The latest Weil European Distress Index sounds an unwelcome alarm in the world of European corporate distress, revealing a deepening crisis marked by persistent challenges in profitability and a stark lack of investment across over 3,750 listed corporates. For us at REFIRE, it's no great surprise that the law firm's Index spotlights the real estate sector as the most distressed, confronted by a range of problems.
The last quarter of 2023 highlights a significant shift, with falling profitability emerging as the primary driver of corporate distress. This comes at a critical juncture for European companies grappling with economic fluctuations, market uncertainty, and the dual challenge of managing rising costs while sustaining production.
Germany, traditionally regarded as THE European economic powerhouse, emerges as the most distressed market in Europe. Deteriorating investment metrics, liquidity pressures, and stagnant profitability contribute to the bleak economic outlook, with a projected 0.4% contraction in its economy for 2024.
UK and the rest of Europe
While there's a slight easing of corporate distress in the UK compared to the previous quarter, it remains significantly higher than the same period last year. Weil identifies weakened investment metrics, tightened liquidity, and reduced profitability as ongoing challenges, exacerbated by the impact of higher interest rates.
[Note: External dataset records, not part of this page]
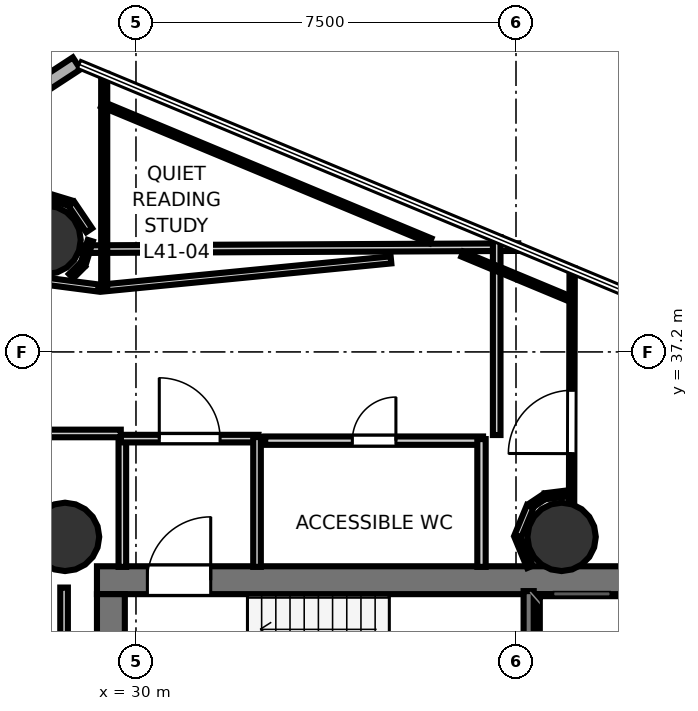
"""IFC4 building model, lengths in metres.
Left out: names, types, materials, properties, quantities, classifications, styles, units other than length and angle.
Written with IfcOpenShell. Run it as: python <this file> out.ifc"""

import sys

from ifc_helpers import new_model, si_unit, direction, frame, frame_2d, origin, origin_2d, place, context, subcontext, project, spatial, rectangle, hollow_circle, extrude, element, fill, save


model = new_model("IFC4")
c1 = context("Model", 3, precision=1e-05, world=origin(), true_north=direction((0.0, 1.0)))
c2 = subcontext(c1, "Body", "Model", "MODEL_VIEW")
j1 = project(units=[si_unit("LENGTHUNIT", "METRE"), si_unit("PLANEANGLEUNIT", "RADIAN")], contexts=[c1])
p1 = place(None, origin())
s1 = spatial("IfcSite", under=j1, at=p1, CompositionType="ELEMENT")
p2 = place(p1, origin())
s2 = spatial("IfcBuilding", under=s1, at=p2, CompositionType="ELEMENT")
p3 = place(p2, frame((0.0, 0.0, 162.4)))
s3 = spatial("IfcBuildingStorey", under=s2, at=p3, CompositionType="ELEMENT", Elevation=162.4)
p4 = place(p3, frame((29.23, 32.695, 0.0), z_axis=(0.0, 0.0, 1.0), x_axis=(1.0, 0.0, 0.0)))
e1 = element("IfcWall", 1, at=p4, inside=s3, PredefinedType="SHEAR", context=c2, shape_type="SweptSolid", body=[
    extrude(rectangle(XDim=10.62, YDim=0.55, at=frame_2d((5.31, 0.0))), origin(), (0.0, 0.0, 1.0), 3.52),
])
p5 = place(p4, frame((0.995, 0.0, 0.0)))
e2 = element("IfcOpeningElement", 2, at=p5, cuts=e1, PredefinedType="OPENING", context=c2, shape_type="SweptSolid", body=[
    extrude(rectangle(XDim=1.25, YDim=2.15, at=frame_2d((0.625, 1.075))), frame((0.0, 0.285, 0.0), z_axis=(0.0, -1.0, 0.0), x_axis=(1.0, 0.0, 0.0)), (0.0, 0.0, 1.0), 0.57),
])
p6 = place(p3, frame((29.505, 24.98, 0.0), z_axis=(0.0, 0.0, 1.0), x_axis=(0.0, 1.0, 0.0)))
e3 = element("IfcWall", 3, at=p6, inside=s3, PredefinedType="SHEAR", context=c2, shape_type="SweptSolid", body=[
    extrude(rectangle(XDim=7.44, YDim=0.55, at=frame_2d((3.72, 0.0))), origin(), (0.0, 0.0, 1.0), 3.52),
])
p7 = place(p3, frame((38.18, 24.98, 0.0), z_axis=(0.0, 0.0, 1.0), x_axis=(0.0, 1.0, 0.0)))
e4 = element("IfcWall", 4, at=p7, inside=s3, PredefinedType="SHEAR", context=c2, shape_type="SweptSolid", body=[
    extrude(rectangle(XDim=7.44, YDim=0.5, at=frame_2d((3.72, 0.0))), origin(), (0.0, 0.0, 1.0), 3.52),
])
for number, where, z_axis, x_axis in (
    (5, (28.6, 33.55, 0.0), (0.0, 0.0, 1.0), (1.0, 0.0, 0.0)),
    (6, (38.4, 33.55, 0.0), (0.0, 0.0, 1.0), (1.0, 0.0, 0.0)),
    (7, (28.235, 39.411, 0.0), (0.0, 0.0, 1.0), (1.0, 0.0, 0.0)),
):
    element("IfcColumn", number, at=place(p3, frame(where, z_axis=z_axis, x_axis=x_axis)), inside=s3, PredefinedType="COLUMN", context=c2, shape_type="SweptSolid", body=[
        extrude(hollow_circle(Radius=0.675, WallThickness=0.032, at=origin_2d()), origin(), (0.0, 0.0, 1.0), 3.7),
    ])
p8 = place(p3, frame((28.83, 42.894, 0.0), z_axis=(0.0, 0.0, 1.0), x_axis=(-0.837273291315, -0.5467846337, 0.0)))
e8 = element("IfcWall", 8, at=p8, inside=s3, PredefinedType="SOLIDWALL", context=c2, shape_type="SweptSolid", body=[
    extrude(rectangle(XDim=9.004, YDim=0.28, at=frame_2d((4.502, 0.0))), origin(), (0.0, 0.0, 1.0), 3.52),
])
p9 = place(p8, frame((1.951, 0.0, 0.85)))
e9 = element("IfcOpeningElement", 9, at=p9, cuts=e8, PredefinedType="OPENING", context=c2, shape_type="SweptSolid", body=[
    extrude(rectangle(XDim=1.5, YDim=2.1, at=frame_2d((0.75, 1.05))), frame((0.0, 0.15, 0.0), z_axis=(0.0, -1.0, 0.0), x_axis=(1.0, 0.0, 0.0)), (0.0, 0.0, 1.0), 0.3),
])
p10 = place(p3, frame((37.75, 30.12, 0.0), z_axis=(0.0, 0.0, 1.0), x_axis=(0.0, 1.0, 0.0)))
e10 = element("IfcWall", 10, at=p10, inside=s3, PredefinedType="SOLIDWALL", context=c2, shape_type="SweptSolid", body=[
    extrude(rectangle(XDim=2.36, YDim=0.2, at=frame_2d((1.18, 0.0))), origin(), (0.0, 0.0, 1.0), 3.52),
])
p11 = place(p3, frame((29.731, 32.958, 0.0), z_axis=(0.0, 0.0, 1.0), x_axis=(0.0, 1.0, 0.0)))
e11 = element("IfcWall", 11, at=p11, inside=s3, PredefinedType="PARTITIONING", context=c2, shape_type="SweptSolid", body=[
    extrude(rectangle(XDim=2.562, YDim=0.15, at=frame_2d((1.281, 0.0))), origin(), (0.0, 0.0, 1.0), 2.84),
])
p12 = place(p3, frame((29.7, 35.489, 0.0), z_axis=(0.0, 0.0, 1.0), x_axis=(1.0, 0.0, 0.0)))
e12 = element("IfcWall", 12, at=p12, inside=s3, PredefinedType="PARTITIONING", context=c2, shape_type="SweptSolid", body=[
    extrude(rectangle(XDim=2.72, YDim=0.15, at=frame_2d((1.36, 0.0))), origin(), (0.0, 0.0, 1.0), 2.84),
])
p13 = place(p12, frame((0.76, 0.0, 0.0)))
e13 = element("IfcOpeningElement", 13, at=p13, cuts=e12, PredefinedType="OPENING", context=c2, shape_type="SweptSolid", body=[
    extrude(rectangle(XDim=1.2, YDim=2.15, at=frame_2d((0.6, 1.075))), frame((0.0, 0.085, 0.0), z_axis=(0.0, -1.0, 0.0), x_axis=(1.0, 0.0, 0.0)), (0.0, 0.0, 1.0), 0.17),
])
p14 = place(p3, frame((32.389, 35.52, 0.0), z_axis=(0.0, 0.0, 1.0), x_axis=(0.0, -1.0, 0.0)))
e14 = element("IfcWall", 14, at=p14, inside=s3, PredefinedType="PARTITIONING", context=c2, shape_type="SweptSolid", body=[
    extrude(rectangle(XDim=2.562, YDim=0.15, at=frame_2d((1.281, 0.0))), origin(), (0.0, 0.0, 1.0), 2.84),
])
p15 = place(p3, frame((32.55, 35.449, 0.0), z_axis=(0.0, 0.0, 1.0), x_axis=(1.0, 0.0, 0.0)))
e15 = element("IfcWall", 15, at=p15, inside=s3, PredefinedType="PLUMBINGWALL", context=c2, shape_type="SweptSolid", body=[
    extrude(rectangle(XDim=4.3, YDim=0.165, at=frame_2d((2.15, 0.0))), origin(), (0.0, 0.0, 1.0), 2.84),
])
p16 = place(p15, frame((1.72, 0.0, 0.0)))
e16 = element("IfcOpeningElement", 16, at=p16, cuts=e15, PredefinedType="OPENING", context=c2, shape_type="SweptSolid", body=[
    extrude(rectangle(XDim=0.86, YDim=2.05, at=frame_2d((0.43, 1.025))), frame((0.0, 0.093, 0.0), z_axis=(0.0, -1.0, 0.0), x_axis=(1.0, 0.0, 0.0)), (0.0, 0.0, 1.0), 0.185),
])
p17 = place(p3, frame((36.819, 35.48, 0.0), z_axis=(0.0, 0.0, 1.0), x_axis=(0.0, -1.0, 0.0)))
e17 = element("IfcWall", 17, at=p17, inside=s3, PredefinedType="PLUMBINGWALL", context=c2, shape_type="SweptSolid", body=[
    extrude(rectangle(XDim=2.522, YDim=0.165, at=frame_2d((1.261, 0.0))), origin(), (0.0, 0.0, 1.0), 2.84),
])
p18 = place(p3, frame((28.581, 24.68, 0.0), z_axis=(0.0, 0.0, 1.0), x_axis=(0.0, 1.0, 0.0)))
e18 = element("IfcWall", 18, at=p18, inside=s3, PredefinedType="PARTITIONING", context=c2, shape_type="SweptSolid", body=[
    extrude(rectangle(XDim=7.87, YDim=0.15, at=frame_2d((3.935, 0.0))), origin(), (0.0, 0.0, 1.0), 2.84),
])
p19 = place(p3, frame((23.174, 39.201, 0.0), z_axis=(0.0, 0.0, 1.0), x_axis=(0.999989166238, 0.004654826148, 0.0)))
e19 = element("IfcWall", 19, at=p19, inside=s3, PredefinedType="PARTITIONING", context=c2, shape_type="SweptSolid", body=[
    extrude(rectangle(XDim=14.371, YDim=0.15, at=frame_2d((7.186, 0.0))), origin(), (0.0, 0.0, 1.0), 2.84),
])
p20 = place(p3, frame((37.119, 39.465, 0.0), z_axis=(0.0, 0.0, 1.0), x_axis=(0.0, -1.0, 0.0)))
e20 = element("IfcWall", 20, at=p20, inside=s3, PredefinedType="PARTITIONING", context=c2, shape_type="SweptSolid", body=[
    extrude(rectangle(XDim=3.905, YDim=0.15, at=frame_2d((1.953, 0.0))), origin(), (0.0, 0.0, 1.0), 2.84),
])
p21 = place(p3, frame((29.7, 35.591, 0.0), z_axis=(0.0, 0.0, 1.0), x_axis=(-1.0, 0.0, 0.0)))
e21 = element("IfcWall", 21, at=p21, inside=s3, PredefinedType="PARTITIONING", context=c2, shape_type="SweptSolid", body=[
    extrude(rectangle(XDim=3.12, YDim=0.15, at=frame_2d((1.56, 0.0))), origin(), (0.0, 0.0, 1.0), 2.84),
])
p22 = place(p3, frame((38.594, 32.958, 0.0), z_axis=(0.0, 0.0, 1.0), x_axis=(0.002446602671, 0.999997007063, 0.0)))
e22 = element("IfcWall", 22, at=p22, inside=s3, PredefinedType="PARTITIONING", context=c2, shape_type="SweptSolid", body=[
    extrude(rectangle(XDim=5.887, YDim=0.105, at=frame_2d((2.944, 0.0))), origin(), (0.0, 0.0, 1.0), 2.84),
])
p23 = place(p22, frame((2.235, 0.0, 0.0)))
e23 = element("IfcOpeningElement", 23, at=p23, cuts=e22, PredefinedType="OPENING", context=c2, shape_type="SweptSolid", body=[
    extrude(rectangle(XDim=1.25, YDim=2.2, at=frame_2d((0.625, 1.1))), frame((0.0, 0.062, 0.0), z_axis=(0.0, -1.0, 0.0), x_axis=(1.0, 0.0, 0.0)), (0.0, 0.0, 1.0), 0.125),
])
p24 = place(p3, frame((35.033, 39.016, 0.0), z_axis=(0.0, 0.0, 1.0), x_axis=(-0.995275640249, -0.097089648918, 0.0)))
e24 = element("IfcWall", 24, at=p24, inside=s3, PredefinedType="PARTITIONING", context=c2, shape_type="SweptSolid", body=[
    extrude(rectangle(XDim=5.718, YDim=0.14, at=frame_2d((2.859, 0.0))), origin(), (0.0, 0.0, 1.0), 2.84),
])
p25 = place(p3, frame((29.373, 38.43, 0.0), z_axis=(0.0, 0.0, 1.0), x_axis=(0.0, 1.0, 0.0)))
e25 = element("IfcWall", 25, at=p25, inside=s3, PredefinedType="PARTITIONING", context=c2, shape_type="SweptSolid", body=[
    extrude(rectangle(XDim=4.258, YDim=0.12, at=frame_2d((2.129, 0.0))), origin(), (0.0, 0.0, 1.0), 2.84),
])
p26 = place(p3, frame((29.33, 42.089, 0.0), z_axis=(0.0, 0.0, 1.0), x_axis=(0.923257907731, -0.384180733265, 0.0)))
e26 = element("IfcWall", 26, at=p26, inside=s3, PredefinedType="PARTITIONING", context=c2, shape_type="SweptSolid", body=[
    extrude(rectangle(XDim=7.02, YDim=0.105, at=frame_2d((3.51, 0.0))), origin(), (0.0, 0.0, 1.0), 2.84),
])
p27 = place(p3, frame((38.502, 34.406, 0.0), z_axis=(0.0, 0.0, 1.0), x_axis=(-0.992260340351, -0.124174945004, 0.0)))
e27 = element("IfcWall", 27, at=p27, inside=s3, PredefinedType="PARTITIONING", context=c2, shape_type="SweptSolid", body=[
    extrude(rectangle(XDim=0.429, YDim=0.12, at=frame_2d((0.214, 0.0))), origin(), (0.0, 0.0, 1.0), 2.84),
])
p28 = place(p3, frame((38.063, 34.347, 0.0), z_axis=(0.0, 0.0, 1.0), x_axis=(-0.83170430964, -0.555218822922, 0.0)))
e28 = element("IfcWall", 28, at=p28, inside=s3, PredefinedType="PARTITIONING", context=c2, shape_type="SweptSolid", body=[
    extrude(rectangle(XDim=0.326, YDim=0.105, at=frame_2d((0.163, 0.0))), origin(), (0.0, 0.0, 1.0), 2.84),
])
p29 = place(p3, frame((37.781, 34.152, 0.0), z_axis=(0.0, 0.0, 1.0), x_axis=(-0.382824178437, -0.923821221018, 0.0)))
e29 = element("IfcWall", 29, at=p29, inside=s3, PredefinedType="PARTITIONING", context=c2, shape_type="SweptSolid", body=[
    extrude(rectangle(XDim=0.639, YDim=0.14, at=frame_2d((0.319, 0.0))), origin(), (0.0, 0.0, 1.0), 2.84),
])
p30 = place(p3, frame((37.536, 33.538, 0.0), z_axis=(0.0, 0.0, 1.0), x_axis=(0.382626535499, -0.923903097912, 0.0)))
e30 = element("IfcWall", 30, at=p30, inside=s3, PredefinedType="PARTITIONING", context=c2, shape_type="SweptSolid", body=[
    extrude(rectangle(XDim=0.628, YDim=0.12, at=frame_2d((0.314, 0.0))), origin(), (0.0, 0.0, 1.0), 2.84),
])
p31 = place(p3, frame((29.076, 39.602, 0.0), z_axis=(0.0, 0.0, 1.0), x_axis=(-0.559799741872, 0.828627931584, 0.0)))
e31 = element("IfcWall", 31, at=p31, inside=s3, PredefinedType="PARTITIONING", context=c2, shape_type="SweptSolid", body=[
    extrude(rectangle(XDim=0.628, YDim=0.14, at=frame_2d((0.314, 0.0))), origin(), (0.0, 0.0, 1.0), 2.84),
])
p32 = place(p3, frame((28.708, 40.135, 0.0), z_axis=(0.0, 0.0, 1.0), x_axis=(-0.95703287226, 0.289979449985, 0.0)))
e32 = element("IfcWall", 32, at=p32, inside=s3, PredefinedType="PARTITIONING", context=c2, shape_type="SweptSolid", body=[
    extrude(rectangle(XDim=0.485, YDim=0.12, at=frame_2d((0.242, 0.0))), origin(), (0.0, 0.0, 1.0), 2.84),
])
p33 = place(p3, frame((28.721, 38.695, 0.0), z_axis=(0.0, 0.0, 1.0), x_axis=(0.707106781187, 0.707106781187, 0.0)))
e33 = element("IfcWall", 33, at=p33, inside=s3, PredefinedType="PARTITIONING", context=c2, shape_type="SweptSolid", body=[
    extrude(rectangle(XDim=0.326, YDim=0.12, at=frame_2d((0.163, 0.0))), origin(), (0.0, 0.0, 1.0), 2.84),
])
p34 = place(p3, frame((28.959, 38.938, 0.0), z_axis=(0.0, 0.0, 1.0), x_axis=(0.292866596221, 0.956153312402, 0.0)))
e34 = element("IfcWall", 34, at=p34, inside=s3, PredefinedType="PARTITIONING", context=c2, shape_type="SweptSolid", body=[
    extrude(rectangle(XDim=0.479, YDim=0.105, at=frame_2d((0.239, 0.0))), origin(), (0.0, 0.0, 1.0), 2.84),
])
p35 = place(p3, frame((29.258, 38.461, 0.0), z_axis=(0.0, 0.0, 1.0), x_axis=(-0.991648515984, 0.128969844331, 0.0)))
e35 = element("IfcWall", 35, at=p35, inside=s3, PredefinedType="PARTITIONING", context=c2, shape_type="SweptSolid", body=[
    extrude(rectangle(XDim=3.956, YDim=0.14, at=frame_2d((1.978, 0.0))), origin(), (0.0, 0.0, 1.0), 2.84),
])
p36 = place(p3, frame((36.441, 39.13, 0.0), z_axis=(0.0, 0.0, 1.0), x_axis=(0.923215709741, -0.384282127202, 0.0)))
e36 = element("IfcWall", 36, at=p36, inside=s3, PredefinedType="PARTITIONING", context=c2, shape_type="SweptSolid", body=[
    extrude(rectangle(XDim=2.237, YDim=0.105, at=frame_2d((1.119, 0.0))), origin(), (0.0, 0.0, 1.0), 2.84),
])
p37 = place(p5, origin())
e37 = element("IfcDoor", 37, at=p37, inside=s3, OperationType="SINGLE_SWING_RIGHT", PredefinedType="DOOR", context=c2, shape_type="SweptSolid", body=[
    extrude(rectangle(XDim=1.25, YDim=2.15, at=frame_2d((0.625, 1.075))), frame((0.0, 0.025, 0.0), z_axis=(0.0, -1.0, 0.0), x_axis=(1.0, 0.0, 0.0)), (0.0, 0.0, 1.0), 0.05),
])
fill(e2, e37)
p38 = place(p13, origin())
e38 = element("IfcDoor", 38, at=p38, inside=s3, OperationType="SINGLE_SWING_LEFT", PredefinedType="DOOR", context=c2, shape_type="SweptSolid", body=[
    extrude(rectangle(XDim=1.2, YDim=2.15, at=frame_2d((0.6, 1.075))), frame((0.0, 0.025, 0.0), z_axis=(0.0, -1.0, 0.0), x_axis=(1.0, 0.0, 0.0)), (0.0, 0.0, 1.0), 0.05),
])
fill(e13, e38)
p39 = place(p16, origin())
e39 = element("IfcDoor", 39, at=p39, inside=s3, OperationType="SINGLE_SWING_RIGHT", PredefinedType="DOOR", context=c2, shape_type="SweptSolid", body=[
    extrude(rectangle(XDim=0.86, YDim=2.05, at=frame_2d((0.43, 1.025))), frame((0.0, 0.025, 0.0), z_axis=(0.0, -1.0, 0.0), x_axis=(1.0, 0.0, 0.0)), (0.0, 0.0, 1.0), 0.05),
])
fill(e16, e39)
p40 = place(p23, origin())
e40 = element("IfcDoor", 40, at=p40, inside=s3, OperationType="SINGLE_SWING_LEFT", PredefinedType="DOOR", context=c2, shape_type="SweptSolid", body=[
    extrude(rectangle(XDim=1.25, YDim=2.2, at=frame_2d((0.625, 1.1))), frame((0.0, 0.025, 0.0), z_axis=(0.0, -1.0, 0.0), x_axis=(1.0, 0.0, 0.0)), (0.0, 0.0, 1.0), 0.05),
])
fill(e23, e40)
save(model, sys.argv[1])

Traditionally the least distressed market, France now ranks third in the latest quarter. Deteriorating investment metrics, growing pressures on liquidity and profitability, declining GDP, and a contracting manufacturing sector contribute to a shifting economic landscape.
Despite being the least distressed regions, Spain and Italy experience distress levels above the long-run average, influenced by falling profitability and weaker investment, says the latest Index reading.
Real estate sector hit the worst
The real estate sector is the most distressed of all corporate fields of activity, facing the burden of high interest rates, constraining financial flexibility and increasing the cost of capital. Real estate companies are contending with falling valuations, impacting asset portfolios and overall financial health. Profit margins are being squeezed by escalating energy and construction costs, while increasingly expensive financing options are adding to companies' financial misery.
The Healthcare sector follows closely as the second most distressed, grappling with the dual impact of higher interest rates and increasing debt servicing costs. Retail and Consumer Goods companies are also witnessing heightened distress, influenced by higher remortgage rates, escalating rents, and eroding discretionary spending power.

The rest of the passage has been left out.